Thanks for the info bud! The dash pod is a new one I wasn't aware of! Never really had that problem on the s3! But read up on it and will read the thread thoroughly.


----------



## Gops (Sep 8, 2013)

roddy said:


> OMG,, do ASN have hit men !!


Yes.. His name is Jardo :| lol


----------



## Jardo (Sep 8, 2013)

Lets face it, they're both crap.

Whether you have a K03 or a K04 it's going to be an asthmatic hairdryer anyway, I'd rather save my cash and buy the undesirable car then pool the savings into fitting a K04-064/GT30 on it.

Gops won't be happy with girl power on either k04 or k03.

Get the cheaper car, learn about them and then spend money upgrading what you have as and when necessary. The cost saving between a K04 and a K03 car can buy you lots of things which will make the 180 much faster than a 225...Like a remap and a set of ARB's.

Just buy the best car you can so you've got a SOLID base to work on, regardless of K03 or K04.

I really like TT's, they're a good package. If I hadn't invested so much in my 8L I'd probably be tempted with an upgrade.

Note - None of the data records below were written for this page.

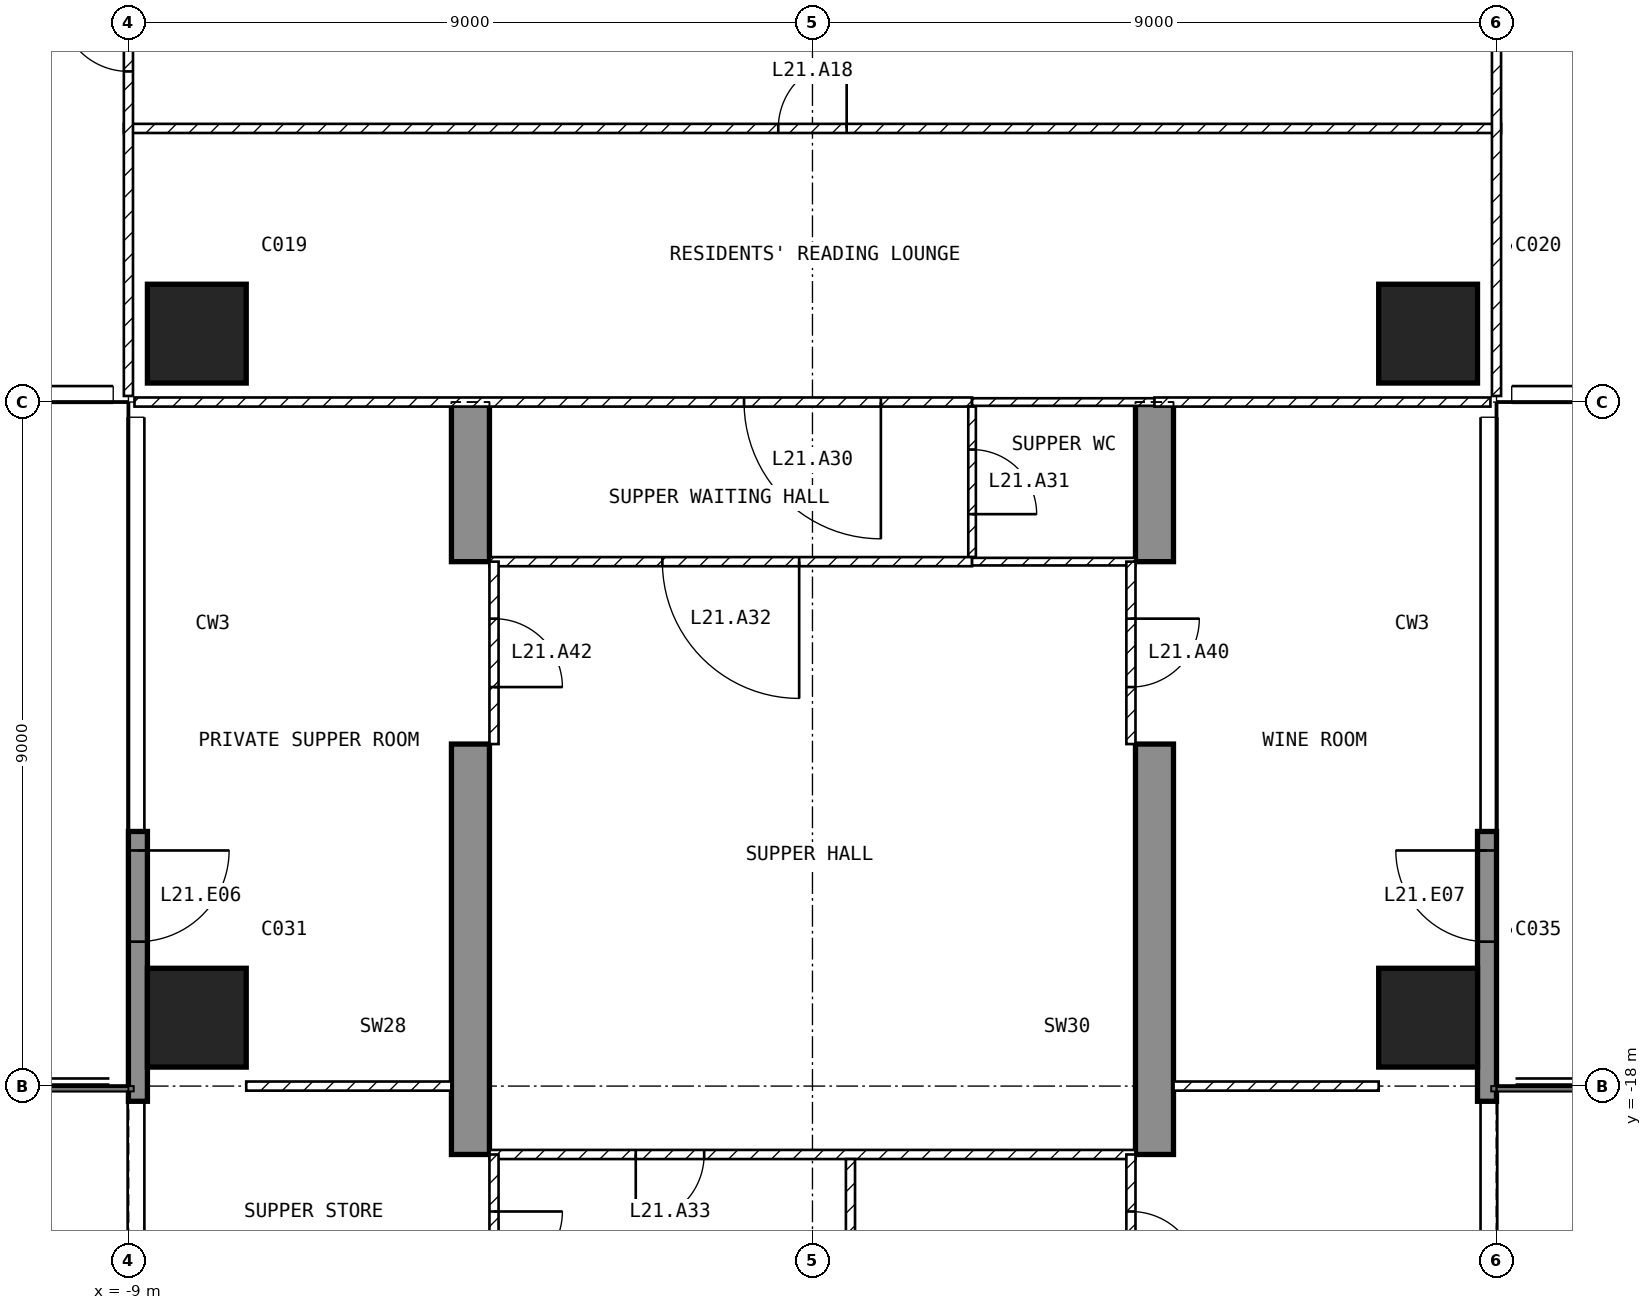
"""IFC4 building model, lengths in metres.
Left out: names, types, materials, properties, quantities, classifications, styles, units other than length and angle.
Written with IfcOpenShell. Run it as: python <this file> out.ifc"""

import sys

from ifc_helpers import new_model, si_unit, direction, frame, frame_2d, origin, origin_2d, place, context, subcontext, project, spatial, polyline, rectangle, outline, extrude, element, fill, save


model = new_model("IFC4")
c1 = context("Model", 3, precision=1e-05, world=origin(), true_north=direction((0.0, 1.0)))
c2 = subcontext(c1, "Body", "Model", "MODEL_VIEW")
j1 = project(units=[si_unit("LENGTHUNIT", "METRE"), si_unit("PLANEANGLEUNIT", "RADIAN")], contexts=[c1])
p1 = place(None, origin())
s1 = spatial("IfcSite", under=j1, at=p1, CompositionType="ELEMENT")
p2 = place(p1, origin())
s2 = spatial("IfcBuilding", under=s1, at=p2, CompositionType="ELEMENT")
p3 = place(p2, frame((0.0, 0.0, 92.5)))
s3 = spatial("IfcBuildingStorey", under=s2, at=p3, CompositionType="ELEMENT", Elevation=92.5)
for number, where, z_axis, x_axis in (
    (1, (-8.1, -17.1, -0.3), (0.0, 0.0, 1.0), (1.0, 0.0, 0.0)),
    (2, (-8.1, -8.1, -0.3), (0.0, 0.0, 1.0), (1.0, 0.0, 0.0)),
    (3, (8.1, -17.1, -0.3), (0.0, 0.0, 1.0), (1.0, 0.0, 0.0)),
    (4, (8.1, -8.1, -0.3), (0.0, 0.0, 1.0), (1.0, 0.0, 0.0)),
):
    element("IfcColumn", number, at=place(p3, frame(where, z_axis=z_axis, x_axis=x_axis)), inside=s3, PredefinedType="COLUMN", context=c2, shape_type="SweptSolid", body=[
        extrude(rectangle(XDim=1.3, YDim=1.3, at=origin_2d()), origin(), (0.0, 0.0, 1.0), 5.25),
    ])
for number, where, z_axis, x_axis in (
    (5, (-4.75, -25.45, -0.3), (1.0, 0.0, 0.0), (0.0, 1.0, 0.0)),
    (6, (4.25, -25.45, -0.3), (1.0, 0.0, 0.0), (0.0, 1.0, 0.0)),
):
    element("IfcWall", number, at=place(p3, frame(where, z_axis=z_axis, x_axis=x_axis)), inside=s3, PredefinedType="SHEAR", context=c2, shape_type="SweptSolid", body=[
        extrude(outline(polyline([(0.0, 0.0), (4.15, 0.0), (4.15, 2.7), (6.55, 2.7), (6.55, 0.0), (11.95, 0.0), (11.95, 2.7), (14.35, 2.7), (14.35, 0.0), (16.45, 0.0), (16.45, 5.25), (0.0, 5.25), (0.0, 0.0)])), origin(), (0.0, 0.0, 1.0), 0.5),
    ])
p4 = place(p3, frame((-8.875, -14.65, 0.0), z_axis=(0.0, 0.0, 1.0), x_axis=(0.0, -1.0, 0.0)))
e7 = element("IfcWall", 7, at=p4, inside=s3, PredefinedType="SOLIDWALL", context=c2, shape_type="SweptSolid", body=[
    extrude(rectangle(XDim=3.55, YDim=0.25, at=frame_2d((1.775, 0.0))), origin(), (0.0, 0.0, 1.0), 4.95),
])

Your S3 was the first one I ever drove, over 5 years ago now. And I was really really impressed with it then, not the usual hunk of junk Haldex rubbish I've grown to hate. If it's even half as good now as it was then, you will have no reason to be tempted into getting a TT for yourself.

:wink:


----------



## roddy (Dec 25, 2008)

well as you may or may not realise most of us on here are q happy with the easily achieved 260 odd fron the standard 225, and those who are not go on further to achieve, mostly , their required power,,,, we know it is not a porsche or ferrari, but is by and far the best combination car available for the money....
oh,, and btw , welcome


----------



## Jardo (Sep 8, 2013)

Cheers for the welcome.


----------



## Gops (Sep 8, 2013)

Blimey it's been a while! Hope everyone is good, come back to see what you TT boys are up to


----------



## Lollypop86 (Oct 26, 2013)

and girls......

J
xx


----------